Apoptosis maintains the healthy survival/death balance in metazoan cells. Defects in apoptosis can cause cancer autoimmunity, whereas enhanced apoptosis may cause degenerative diseases (38). Mitochondria have a notable role in the intrinsic pathway of mammalian apoptosis. In various types of cancer, inhibitors of apoptosis are highly expressed whereas apoptosis promoters are mostly inactivated, resulting in a certain degree of drug resistance. Thus, reactivation of the normal apoptosis response in cancer cells through regulating apoptotic regulators is a desirable treatment approach (39,40). Developing therapeutic approaches has involved modifying the activity of Bcl-2 family proteins to reactivate apoptosis, eradicating cancer cells (41–43). It is generally recognized that Bcl-2, regarded as an anti-apoptotic protein, was suppressed and pro-apoptotic proteins like Bax was overexpressed following cleavage of caspase-family proteins once cytochrome C was released from the mitochondria into the cytoplasm (44,45). Evidence indicates provided that baicalein and betulinic acid induced apoptosis in HeLa cells by downregulating Bcl-2 expression and upregulating that of expression and caspase-8. When HeLa cells were exposed to erianin, the apoptotic rate was increased and expression of Bax was upregulated, caspase-3 was activated and Bcl-2 levels reduced, which was consistent with the results of previous studies (46,47), indicating that apoptosis induced by erianin was associated with the activation of the proteolytic caspase family and the Bcl-2 family.

Paclitaxel exerts an anticancer function and has been manufactured into albumin-bound paclitaxel (nab-paclitaxel), which received US Food and Drug Administration approval for the treatment of metastatic breast cancer, non-small cell lung cancer and pancreatic cancer (48). The National Comprehensive Cancer Network recommends paclitaxel combined with carboplatin or cisplatin for treatment of recurrent or metastatic cervical cancer.
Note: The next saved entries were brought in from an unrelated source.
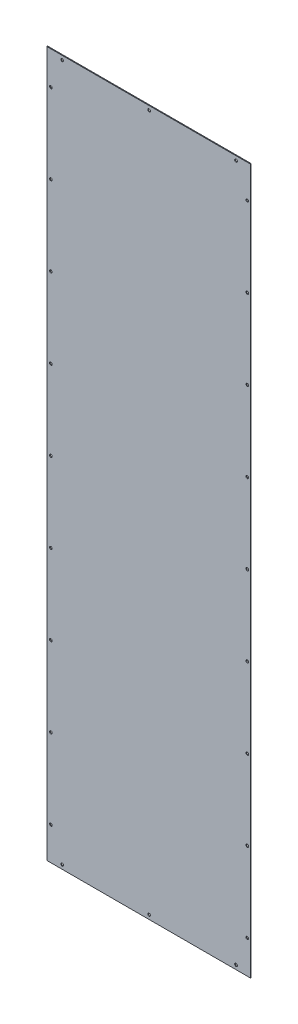
from build123d import *

# Parameters (mm, degrees)
SKETCH_1_W          = 494.5
SKETCH_1_H          = 1703
SKETCH_1_R          = 3.25
EXTRUDE_1_DEPTH     = 2
SKETCH_2_W          = 2.5
SKETCH_2_H          = 2
CUT_EXTRUDE_1_DEPTH = 1721.856055137


with BuildPart() as part:
    # 草图1 → 凸台-拉伸1 (new body)
    with BuildSketch(Plane.XY):
        Rectangle(SKETCH_1_W, SKETCH_1_H)
        with Locations((-237.25, 0)):
            Circle(SKETCH_1_R, mode=Mode.SUBTRACT)
        with Locations((-237.25, -192.875)):
            Circle(SKETCH_1_R, mode=Mode.SUBTRACT)
        with Locations((-237.25, -385.75)):
            Circle(SKETCH_1_R, mode=Mode.SUBTRACT)
        with Locations((-237.25, -578.625)):
            Circle(SKETCH_1_R, mode=Mode.SUBTRACT)
        with Locations((-237.25, -771.5)):
            Circle(SKETCH_1_R, mode=Mode.SUBTRACT)
        with Locations((0, -841.5)):
            Circle(SKETCH_1_R, mode=Mode.SUBTRACT)
        with Locations(Location((0, 841.5, 0), (0, 0, 180))):
            Circle(SKETCH_1_R, mode=Mode.SUBTRACT)
        with Locations(Location((-237.25, 771.5, 0), (0, 0, 180))):
            Circle(SKETCH_1_R, mode=Mode.SUBTRACT)
        with Locations(Location((-237.25, 578.625, 0), (0, 0, 180))):
            Circle(SKETCH_1_R, mode=Mode.SUBTRACT)
        with Locations(Location((-237.25, 385.75, 0), (0, 0, 180))):
            Circle(SKETCH_1_R, mode=Mode.SUBTRACT)
        with Locations(Location((-237.25, 192.875, 0), (0, 0, 180))):
            Circle(SKETCH_1_R, mode=Mode.SUBTRACT)
        with Locations((237.25, 192.875)):
            Circle(SKETCH_1_R, mode=Mode.SUBTRACT)
        with Locations((237.25, 385.75)):
            Circle(SKETCH_1_R, mode=Mode.SUBTRACT)
        with Locations((237.25, 578.625)):
            Circle(SKETCH_1_R, mode=Mode.SUBTRACT)
        with Locations((237.25, 771.5)):
            Circle(SKETCH_1_R, mode=Mode.SUBTRACT)
        with Locations(Location((237.25, -771.5, 0), (0, 0, 180))):
            Circle(SKETCH_1_R, mode=Mode.SUBTRACT)
        with Locations(Location((237.25, -578.625, 0), (0, 0, 180))):
            Circle(SKETCH_1_R, mode=Mode.SUBTRACT)
        with Locations(Location((237.25, -385.75, 0), (0, 0, 180))):
            Circle(SKETCH_1_R, mode=Mode.SUBTRACT)
        with Locations(Location((237.25, -192.875, 0), (0, 0, 180))):
            Circle(SKETCH_1_R, mode=Mode.SUBTRACT)
        with Locations(Location((237.25, 0, 0), (0, 0, 180))):
            Circle(SKETCH_1_R, mode=Mode.SUBTRACT)
        with Locations((-210, 841.5)):
            Circle(SKETCH_1_R, mode=Mode.SUBTRACT)
        with Locations((210, 841.5)):
            Circle(SKETCH_1_R, mode=Mode.SUBTRACT)
        with Locations(Location((-210, -841.5, 0), (0, 0, 180))):
            Circle(SKETCH_1_R, mode=Mode.SUBTRACT)
        with Locations(Location((210, -841.5, 0), (0, 0, 180))):
            Circle(SKETCH_1_R, mode=Mode.SUBTRACT)
    extrude(amount=EXTRUDE_1_DEPTH)

    # 草图2 → 切除-拉伸1 (cut, through all)
    with BuildSketch(Plane(origin=(0, -851.5, 0), x_dir=(-1, 0, 0), z_dir=(0, -1, 0))):
        with Locations((-246, -1)):
            Rectangle(SKETCH_2_W, SKETCH_2_H)
    extrude(amount=-CUT_EXTRUDE_1_DEPTH, mode=Mode.SUBTRACT)


solid = part.part

Therefore, in the current study paclitaxel was used as positive control agent and was compared with erianin in terms of effects on HeLa cell proliferation, cell cycle and apoptosis. The results of this analysis revealed that erianin arrested progression at the G2/M phase and enhanced the apoptotic rate, similar to paclitaxel, indicating that erianin has the potential to serve as an anti-cervical cancer drug.

In conclusion, erianin is a promising anticancer compound, owing to its ability to inhibit growth of HeLa by arresting progression at the G2/M phase transition and inducing apoptosis. The potential mechanism of action involves regulation of the ERK1/2 signaling and mitochondrial pathways.